A questa domanda non c’è una risposta valida per tutti perché dipende dalla relazione che si va strutturando ed è quanto avviene ogni volta che si istituisce una relazione psicoterapeutica o di consulenza psicologica.
Anche in uno studio di psicoterapia si può entrare pensando di doverlo fare (per sé, per la famiglia, per curarsi, per la crescita personale, perché me lo ha detto Tizio, perché lo fa anche Caio).
Renzo Carli, psicoanalista e professore di Psicologia Clinica a Roma, nella prima lezione del corso all’Università ci chiese: “Perché le persone vanno dallo psicologo?”. Iniziammo ad associare liberamente sulla questione. Ogni motivo che veniva alla mente affondava le proprie radici nel senso comune (serbatoio di saggezza e nefandezze, non necessariamente in questo ordine). “Perché lo psicologo esiste.”, ci rispose poi. Deludente per molti di noi la risposta, non capivamo. Ci sono voluti anni. La domanda non era affatto banale e aveva tutta l’intenzione di mettere in discussione la scontatezza di quell’incontro, costruirne il senso. La verità è che non lo sai fino a quando non te lo domandi. Se prendessimo sul serio la domanda “Che ci facciamo qui?” e ce la ponessimo l’uno davanti all’altro dopo dieci anni di matrimonio o al primo appuntamento, a scuola come nel lavoro, c’è il rischio che ne possa scaturire una riflessione interessante. In alcuni casi, tra colleghi e con i pazienti, ci si arriva a dire che la terapia finisce quando hai un’idea del perché sia iniziata.
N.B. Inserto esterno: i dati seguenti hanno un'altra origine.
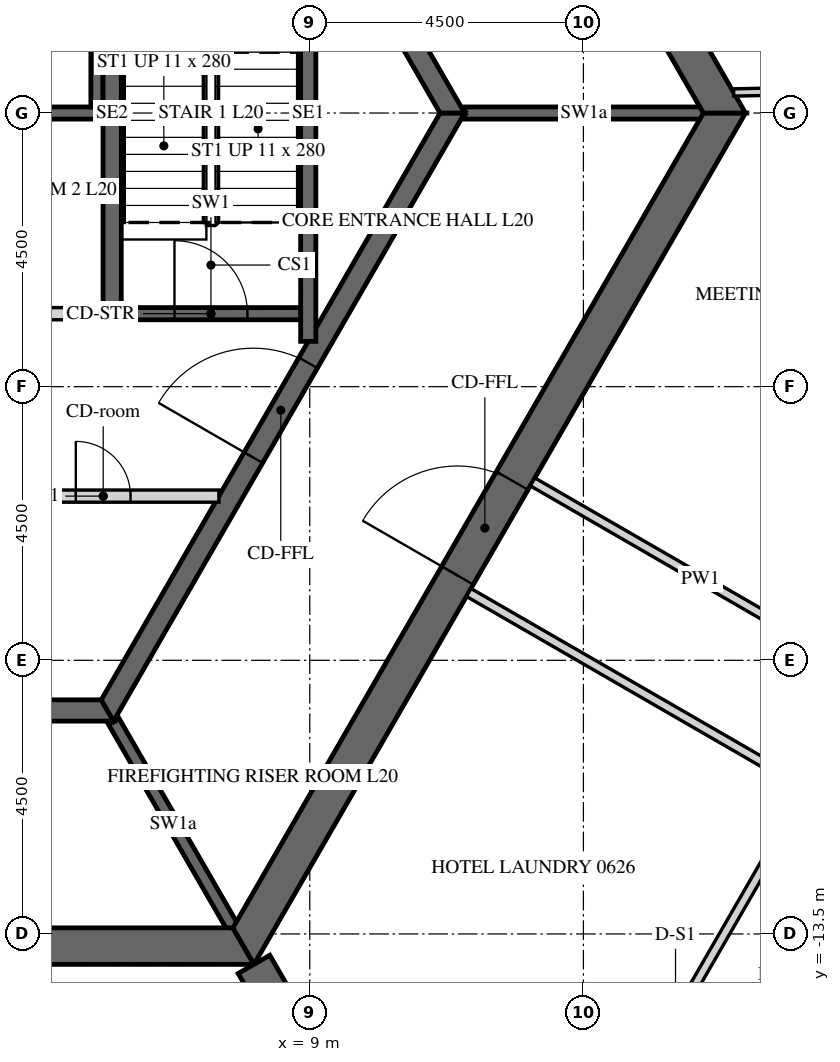
"""IFC4 building model, lengths in metres.
Left out: names, types, materials, properties, quantities, classifications, styles, units other than length and angle.
Written with IfcOpenShell. Run it as: python <this file> out.ifc"""

import sys

from ifc_helpers import new_model, si_unit, direction, frame, frame_2d, origin, place, context, subcontext, project, spatial, polyline, rectangle, outline, extrude, element, fill, save


model = new_model("IFC4")
c1 = context("Model", 3, precision=1e-05, world=origin(), true_north=direction((0.0, 1.0)))
c2 = subcontext(c1, "Body", "Model", "MODEL_VIEW")
j1 = project(units=[si_unit("LENGTHUNIT", "METRE"), si_unit("PLANEANGLEUNIT", "RADIAN")], contexts=[c1])
p1 = place(None, origin())
s1 = spatial("IfcSite", under=j1, at=p1, CompositionType="ELEMENT")
p2 = place(p1, origin())
s2 = spatial("IfcBuilding", under=s1, at=p2, CompositionType="ELEMENT")
p3 = place(p2, frame((0.0, 0.0, 92.1)))
s3 = spatial("IfcBuildingStorey", under=s2, at=p3, CompositionType="ELEMENT", Elevation=92.1)
p4 = place(p3, frame((-7.91, -13.7, -0.15), z_axis=(0.0, 0.0, 1.0), x_axis=(1.0, 0.0, 0.0)))
e1 = element("IfcWall", 1, at=p4, inside=s3, PredefinedType="SHEAR", context=c2, shape_type="SweptSolid", body=[
    extrude(outline(polyline([(-0.173, -0.3), (15.993, -0.3), (15.646, 0.3), (0.173, 0.3), (-0.173, -0.3)])), origin(), (0.0, 0.0, 1.0), 3.9),
])
p5 = place(p4, frame((7.31, 0.0, 0.15)))
e2 = element("IfcOpeningElement", 2, at=p5, cuts=e1, PredefinedType="OPENING", context=c2, shape_type="SweptSolid", body=[
    extrude(rectangle(XDim=1.2, YDim=2.4, at=frame_2d((0.6, 1.2))), frame((0.0, 0.31, 0.0), z_axis=(0.0, -1.0, 0.0), x_axis=(1.0, 0.0, 0.0)), (0.0, 0.0, 1.0), 0.62),
])
p6 = place(p3, frame((7.91, -13.7, -0.15), z_axis=(0.0, 0.0, 1.0), x_axis=(0.499999880136, 0.866025472988, 0.0)))
e3 = element("IfcWall", 3, at=p6, inside=s3, PredefinedType="SHEAR", context=c2, shape_type="SweptSolid", body=[
    extrude(outline(polyline([(-0.173, -0.3), (15.993, -0.3), (15.646, 0.3), (0.173, 0.3), (-0.173, -0.3)])), origin(), (0.0, 0.0, 1.0), 3.9),
])
p7 = place(p6, frame((7.039, 0.0, 0.15)))
e4 = element("IfcOpeningElement", 4, at=p7, cuts=e3, PredefinedType="OPENING", context=c2, shape_type="SweptSolid", body=[
    extrude(rectangle(XDim=1.8, YDim=2.4, at=frame_2d((0.9, 1.2))), frame((0.0, 0.31, 0.0), z_axis=(0.0, -1.0, 0.0), x_axis=(1.0, 0.0, 0.0)), (0.0, 0.0, 1.0), 0.62),
])
p8 = place(p3, frame((15.819, 0.0, -0.15), z_axis=(0.0, 0.0, 1.0), x_axis=(-0.499999880136, 0.866025472988, 0.0)))
e5 = element("IfcWall", 5, at=p8, inside=s3, PredefinedType="SHEAR", context=c2, shape_type="SweptSolid", body=[
    extrude(outline(polyline([(-0.173, -0.3), (15.993, -0.3), (15.646, 0.3), (0.173, 0.3), (-0.173, -0.3)])), origin(), (0.0, 0.0, 1.0), 3.9),
])
p9 = place(p8, frame((6.981, 0.0, 0.15)))
e6 = element("IfcOpeningElement", 6, at=p9, cuts=e5, PredefinedType="OPENING", context=c2, shape_type="SweptSolid", body=[
    extrude(rectangle(XDim=1.8, YDim=2.4, at=frame_2d((0.9, 1.2))), frame((0.0, 0.31, 0.0), z_axis=(0.0, -1.0, 0.0), x_axis=(1.0, 0.0, 0.0)), (0.0, 0.0, 1.0), 0.62),
])
p10 = place(p3, frame((8.083, -14.0, -0.15), z_axis=(0.0, 0.0, 1.0), x_axis=(0.499997680643, -0.866026742862, 0.0)))
e7 = element("IfcWall", 7, at=p10, inside=s3, PredefinedType="SHEAR", context=c2, shape_type="SweptSolid", body=[
    extrude(rectangle(XDim=16.509, YDim=0.6, at=frame_2d((8.254, 0.0))), origin(), (0.0, 0.0, 1.0), 3.9),
])
p11 = place(p10, frame((7.354, 0.0, 0.15)))
e8 = element("IfcOpeningElement", 8, at=p11, cuts=e7, PredefinedType="OPENING", context=c2, shape_type="SweptSolid", body=[
    extrude(rectangle(XDim=1.8, YDim=2.4, at=frame_2d((0.9, 1.2))), frame((0.0, 0.31, 0.0), z_axis=(0.0, -1.0, 0.0), x_axis=(1.0, 0.0, 0.0)), (0.0, 0.0, 1.0), 0.62),
])
p12 = place(p3, frame((-5.673, -9.825, -0.15), z_axis=(0.0, 0.0, 1.0), x_axis=(1.0, 0.0, 0.0)))
e9 = element("IfcWall", 9, at=p12, inside=s3, PredefinedType="SHEAR", context=c2, shape_type="SweptSolid", body=[
    extrude(outline(polyline([(-0.101, -0.175), (11.446, -0.175), (11.244, 0.175), (0.101, 0.175), (-0.101, -0.175)])), origin(), (0.0, 0.0, 1.0), 3.9),
])
p13 = place(p3, frame((5.673, -9.825, -0.15), z_axis=(0.0, 0.0, 1.0), x_axis=(0.499995046907, 0.866028263435, 0.0)))
e10 = element("IfcWall", 10, at=p13, inside=s3, PredefinedType="SHEAR", context=c2, shape_type="SweptSolid", body=[
    extrude(outline(polyline([(-0.101, -0.175), (11.446, -0.175), (11.244, 0.175), (0.101, 0.175), (-0.101, -0.175)])), origin(), (0.0, 0.0, 1.0), 3.9),
])
p14 = place(p13, frame((4.801, 0.0, 0.15)))
e11 = element("IfcOpeningElement", 11, at=p14, cuts=e10, PredefinedType="OPENING", context=c2, shape_type="SweptSolid", body=[
    extrude(rectangle(XDim=1.8, YDim=2.4, at=frame_2d((0.9, 1.2))), frame((0.0, 0.185, 0.0), z_axis=(0.0, -1.0, 0.0), x_axis=(1.0, 0.0, 0.0)), (0.0, 0.0, 1.0), 0.37),
])
p15 = place(p3, frame((11.345, 0.0, -0.15), z_axis=(0.0, 0.0, 1.0), x_axis=(-0.499995046907, 0.866028263435, 0.0)))
e12 = element("IfcWall", 12, at=p15, inside=s3, PredefinedType="SHEAR", context=c2, shape_type="SweptSolid", body=[
    extrude(outline(polyline([(-0.101, -0.175), (11.446, -0.175), (11.244, 0.175), (0.101, 0.175), (-0.101, -0.175)])), origin(), (0.0, 0.0, 1.0), 3.9),
])
p16 = place(p15, frame((4.744, 0.0, 0.15)))
e13 = element("IfcOpeningElement", 13, at=p16, cuts=e12, PredefinedType="OPENING", context=c2, shape_type="SweptSolid", body=[
    extrude(rectangle(XDim=1.8, YDim=2.4, at=frame_2d((0.9, 1.2))), frame((0.0, 0.185, 0.0), z_axis=(0.0, -1.0, 0.0), x_axis=(1.0, 0.0, 0.0)), (0.0, 0.0, 1.0), 0.37),
])
p17 = place(p3, frame((-5.6, 0.0, -0.25), z_axis=(0.0, 0.0, 1.0), x_axis=(1.0, 0.0, 0.0)))
e14 = element("IfcWall", 14, at=p17, inside=s3, PredefinedType="SHEAR", context=c2, shape_type="SweptSolid", body=[
    extrude(rectangle(XDim=11.2, YDim=0.2, at=frame_2d((5.6, 0.0))), origin(), (0.0, 0.0, 1.0), 3.9),
])
p18 = place(p3, frame((5.5, 0.1, -0.25), z_axis=(0.0, 0.0, 1.0), x_axis=(0.0, 1.0, 0.0)))
e15 = element("IfcWall", 15, at=p18, inside=s3, PredefinedType="SHEAR", context=c2, shape_type="SweptSolid", body=[
    extrude(rectangle(XDim=3.1, YDim=0.2, at=frame_2d((1.55, 0.0))), origin(), (0.0, 0.0, 1.0), 3.9),
])
p19 = place(p3, frame((0.1, -3.3, 0.0), z_axis=(0.0, 0.0, 1.0), x_axis=(1.0, 0.0, 0.0)))
e16 = element("IfcWall", 16, at=p19, inside=s3, PredefinedType="PARTITIONING", context=c2, shape_type="SweptSolid", body=[
    extrude(rectangle(XDim=5.5, YDim=0.2, at=frame_2d((2.75, 0.0))), origin(), (0.0, 0.0, 1.0), 3.65),
])
p20 = place(p19, frame((2.3, 0.0, 0.0)))
e17 = element("IfcOpeningElement", 17, at=p20, cuts=e16, PredefinedType="OPENING", context=c2, shape_type="SweptSolid", body=[
    extrude(rectangle(XDim=0.9, YDim=2.1, at=frame_2d((0.45, 1.05))), frame((0.0, 0.11, 0.0), z_axis=(0.0, -1.0, 0.0), x_axis=(1.0, 0.0, 0.0)), (0.0, 0.0, 1.0), 0.22),
])
p21 = place(p3, frame((3.7, -6.3, 0.0), z_axis=(0.0, 0.0, 1.0), x_axis=(1.0, 0.0, 0.0)))
e18 = element("IfcWall", 18, at=p21, inside=s3, PredefinedType="PARTITIONING", context=c2, shape_type="SweptSolid", body=[
    extrude(rectangle(XDim=3.806, YDim=0.2, at=frame_2d((1.903, 0.0))), origin(), (0.0, 0.0, 1.0), 3.65),
])
p22 = place(p21, frame((1.453, 0.0, 0.0)))
e19 = element("IfcOpeningElement", 19, at=p22, cuts=e18, PredefinedType="OPENING", context=c2, shape_type="SweptSolid", body=[
    extrude(rectangle(XDim=0.9, YDim=2.1, at=frame_2d((0.45, 1.05))), frame((0.0, 0.11, 0.0), z_axis=(0.0, -1.0, 0.0), x_axis=(1.0, 0.0, 0.0)), (0.0, 0.0, 1.0), 0.22),
])
p23 = place(p3, frame((11.547, 0.0, -0.15), z_axis=(0.0, 0.0, 1.0), x_axis=(1.0, 0.0, 0.0)))
e20 = element("IfcWall", 20, at=p23, inside=s3, PredefinedType="SHEAR", context=c2, shape_type="SweptSolid", body=[
    extrude(rectangle(XDim=3.926, YDim=0.2, at=frame_2d((1.963, 0.0))), origin(), (0.0, 0.0, 1.0), 3.9),
])
p24 = place(p3, frame((5.773, -10.0, -0.15), z_axis=(0.0, 0.0, 1.0), x_axis=(0.500038251005, -0.86600331843, 0.0)))
e21 = element("IfcWall", 21, at=p24, inside=s3, PredefinedType="SHEAR", context=c2, shape_type="SweptSolid", body=[
    extrude(rectangle(XDim=3.926, YDim=0.2, at=frame_2d((1.963, 0.0))), origin(), (0.0, 0.0, 1.0), 3.9),
])
p25 = place(p3, frame((5.75, -3.4, -0.25), z_axis=(0.0, 0.0, 1.0), x_axis=(0.0, 1.0, 0.0)))
e22 = element("IfcWall", 22, at=p25, inside=s3, PredefinedType="SHEAR", context=c2, shape_type="SweptSolid", body=[
    extrude(rectangle(XDim=6.8, YDim=0.3, at=frame_2d((3.4, 0.0))), origin(), (0.0, 0.0, 1.0), 3.9),
])
p26 = place(p3, frame((8.975, -3.755, -0.25), z_axis=(0.0, 0.0, 1.0), x_axis=(0.0, 1.0, 0.0)))
e23 = element("IfcWall", 23, at=p26, inside=s3, PredefinedType="SHEAR", context=c2, shape_type="SweptSolid", body=[
    extrude(rectangle(XDim=7.51, YDim=0.25, at=frame_2d((3.755, 0.0))), origin(), (0.0, 0.0, 1.0), 3.9),
])
p27 = place(p3, frame((5.9, -3.3, -0.25), z_axis=(0.0, 0.0, 1.0), x_axis=(1.0, 0.0, 0.0)))
e24 = element("IfcWall", 24, at=p27, inside=s3, PredefinedType="SHEAR", context=c2, shape_type="SweptSolid", body=[
    extrude(rectangle(XDim=2.95, YDim=0.2, at=frame_2d((1.475, 0.0))), origin(), (0.0, 0.0, 1.0), 3.9),
])
p28 = place(p27, frame((0.875, 0.0, 0.25)))
e25 = element("IfcOpeningElement", 25, at=p28, cuts=e24, PredefinedType="OPENING", context=c2, shape_type="SweptSolid", body=[
    extrude(rectangle(XDim=1.2, YDim=2.4, at=frame_2d((0.6, 1.2))), frame((0.0, 0.11, 0.0), z_axis=(0.0, -1.0, 0.0), x_axis=(1.0, 0.0, 0.0)), (0.0, 0.0, 1.0), 0.22),
])
p29 = place(p3, frame((14.102, -20.075, 0.0), z_axis=(0.0, 0.0, 1.0), x_axis=(0.499996816197, 0.866027241946, 0.0)))
e26 = element("IfcWall", 26, at=p29, inside=s3, PredefinedType="PARTITIONING", context=c2, shape_type="SweptSolid", body=[
    extrude(rectangle(XDim=24.238, YDim=0.15, at=frame_2d((12.119, 0.0))), origin(), (0.0, 0.0, 1.0), 2.988),
])
p30 = place(p29, frame((4.729, 0.0, 0.0)))
e27 = element("IfcOpeningElement", 27, at=p30, cuts=e26, PredefinedType="OPENING", context=c2, shape_type="SweptSolid", body=[
    extrude(rectangle(XDim=1.0, YDim=2.1, at=frame_2d((0.5, 1.05))), frame((0.0, 0.085, 0.0), z_axis=(0.0, -1.0, 0.0), x_axis=(1.0, 0.0, 0.0)), (0.0, 0.0, 1.0), 0.17),
])
p31 = place(p29, frame((13.446, 0.0, 0.0)))
e28 = element("IfcOpeningElement", 28, at=p31, cuts=e26, PredefinedType="OPENING", context=c2, shape_type="SweptSolid", body=[
    extrude(rectangle(XDim=1.0, YDim=2.1, at=frame_2d((0.5, 1.05))), frame((0.0, 0.085, 0.0), z_axis=(0.0, -1.0, 0.0), x_axis=(1.0, 0.0, 0.0)), (0.0, 0.0, 1.0), 0.17),
])
p32 = place(p3, frame((26.174, 0.985, 0.0), z_axis=(0.0, 0.0, 1.0), x_axis=(-0.559199676409, 0.82903300411, 0.0)))
e29 = element("IfcWall", 29, at=p32, inside=s3, PredefinedType="PARTITIONING", context=c2, shape_type="SweptSolid", body=[
    extrude(rectangle(XDim=22.335, YDim=0.15, at=frame_2d((11.168, 0.0))), origin(), (0.0, 0.0, 1.0), 2.988),
])
p33 = place(p32, frame((0.863, 0.0, 0.0)))
e30 = element("IfcOpeningElement", 30, at=p33, cuts=e29, PredefinedType="OPENING", context=c2, shape_type="SweptSolid", body=[
    extrude(rectangle(XDim=1.0, YDim=2.1, at=frame_2d((0.5, 1.05))), frame((0.0, 0.085, 0.0), z_axis=(0.0, -1.0, 0.0), x_axis=(1.0, 0.0, 0.0)), (0.0, 0.0, 1.0), 0.17),
])
p34 = place(p32, frame((10.909, 0.0, 0.0)))
e31 = element("IfcOpeningElement", 31, at=p34, cuts=e29, PredefinedType="OPENING", context=c2, shape_type="SweptSolid", body=[
    extrude(rectangle(XDim=1.0, YDim=2.1, at=frame_2d((0.5, 1.05))), frame((0.0, 0.085, 0.0), z_axis=(0.0, -1.0, 0.0), x_axis=(1.0, 0.0, 0.0)), (0.0, 0.0, 1.0), 0.17),
])
p35 = place(p3, frame((18.185, -9.253, 0.0), z_axis=(0.0, 0.0, 1.0), x_axis=(-0.866028703517, 0.499994284652, 0.0)))
e32 = element("IfcWall", 32, at=p35, inside=s3, PredefinedType="PARTITIONING", context=c2, shape_type="SweptSolid", body=[
    extrude(rectangle(XDim=6.375, YDim=0.15, at=frame_2d((3.188, 0.0))), origin(), (0.0, 0.0, 1.0), 2.988),
])
p36 = place(p3, frame((11.614, -7.884, 0.0), z_axis=(0.0, 0.0, 1.0), x_axis=(0.866021702275, -0.500006411147, 0.0)))
e33 = element("IfcWall", 33, at=p36, inside=s3, PredefinedType="PARTITIONING", context=c2, shape_type="SweptSolid", body=[
    extrude(rectangle(XDim=6.45, YDim=0.15, at=frame_2d((3.225, 0.0))), origin(), (0.0, 0.0, 1.0), 2.988),
])
p37 = place(p3, frame((17.162, -11.174, 0.0), z_axis=(0.0, 0.0, 1.0), x_axis=(-0.499997214665, -0.866027011893, 0.0)))
e34 = element("IfcWall", 34, at=p37, inside=s3, PredefinedType="PARTITIONING", context=c2, shape_type="SweptSolid", body=[
    extrude(rectangle(XDim=8.589, YDim=0.15, at=frame_2d((4.294, 0.0))), origin(), (0.0, 0.0, 1.0), 2.988),
])
p38 = place(p37, frame((3.844, 0.0, 0.0)))
e35 = element("IfcOpeningElement", 35, at=p38, cuts=e34, PredefinedType="OPENING", context=c2, shape_type="SweptSolid", body=[
    extrude(rectangle(XDim=0.9, YDim=2.1, at=frame_2d((0.45, 1.05))), frame((0.0, 0.085, 0.0), z_axis=(0.0, -1.0, 0.0), x_axis=(1.0, 0.0, 0.0)), (0.0, 0.0, 1.0), 0.17),
])
p39 = place(p3, frame((23.818, 0.504, 0.0), z_axis=(0.0, 0.0, 1.0), x_axis=(-0.999776284395, -0.021151386765, 0.0)))
e36 = element("IfcWall", 36, at=p39, inside=s3, PredefinedType="PARTITIONING", context=c2, shape_type="SweptSolid", body=[
    extrude(rectangle(XDim=7.849, YDim=0.12, at=frame_2d((3.924, 0.0))), origin(), (0.0, 0.0, 1.0), 2.988),
])
p40 = place(p7, origin())
e37 = element("IfcDoor", 37, at=p40, inside=s3, OperationType="DOUBLE_DOOR_SINGLE_SWING", PredefinedType="DOOR", context=c2, shape_type="SweptSolid", body=[
    extrude(rectangle(XDim=1.8, YDim=2.4, at=frame_2d((0.9, 1.2))), frame((0.0, 0.025, 0.0), z_axis=(0.0, -1.0, 0.0), x_axis=(1.0, 0.0, 0.0)), (0.0, 0.0, 1.0), 0.05),
])
fill(e4, e37)
p41 = place(p14, origin())
e38 = element("IfcDoor", 38, at=p41, inside=s3, OperationType="DOUBLE_DOOR_SINGLE_SWING", PredefinedType="DOOR", context=c2, shape_type="SweptSolid", body=[
    extrude(rectangle(XDim=1.8, YDim=2.4, at=frame_2d((0.9, 1.2))), frame((0.0, 0.025, 0.0), z_axis=(0.0, -1.0, 0.0), x_axis=(1.0, 0.0, 0.0)), (0.0, 0.0, 1.0), 0.05),
])
fill(e11, e38)
p42 = place(p22, origin())
e39 = element("IfcDoor", 39, at=p42, inside=s3, OperationType="SINGLE_SWING_LEFT", PredefinedType="DOOR", context=c2, shape_type="SweptSolid", body=[
    extrude(rectangle(XDim=0.9, YDim=2.1, at=frame_2d((0.45, 1.05))), frame((0.0, 0.025, 0.0), z_axis=(0.0, -1.0, 0.0), x_axis=(1.0, 0.0, 0.0)), (0.0, 0.0, 1.0), 0.05),
])
fill(e19, e39)
p43 = place(p28, origin())
e40 = element("IfcDoor", 40, at=p43, inside=s3, OperationType="SINGLE_SWING_LEFT", PredefinedType="DOOR", context=c2, shape_type="SweptSolid", body=[
    extrude(rectangle(XDim=1.2, YDim=2.4, at=frame_2d((0.6, 1.2))), frame((0.0, 0.025, 0.0), z_axis=(0.0, -1.0, 0.0), x_axis=(1.0, 0.0, 0.0)), (0.0, 0.0, 1.0), 0.05),
])
fill(e25, e40)
save(model, sys.argv[1])

Pensiamo se questa domanda venisse posta nel primo giorno di scuola ad un gruppo di ragazzi il più delle volte presi dalla doverosità e dall’adempimento. E se questa domanda fosse riposta più volte in rapporto a diverse attività?
Anche nella formazione – che, a mio modo di vedere, è uno dei contesti di sviluppo per eccellenza – possiamo costruire quelle condizioni di pensabilità sul perché si è lì e a fare cosa. Senza questo, formazioni e psicoterapie sono solo forme di addestramento più o meno efficaci, più o meno raffinate.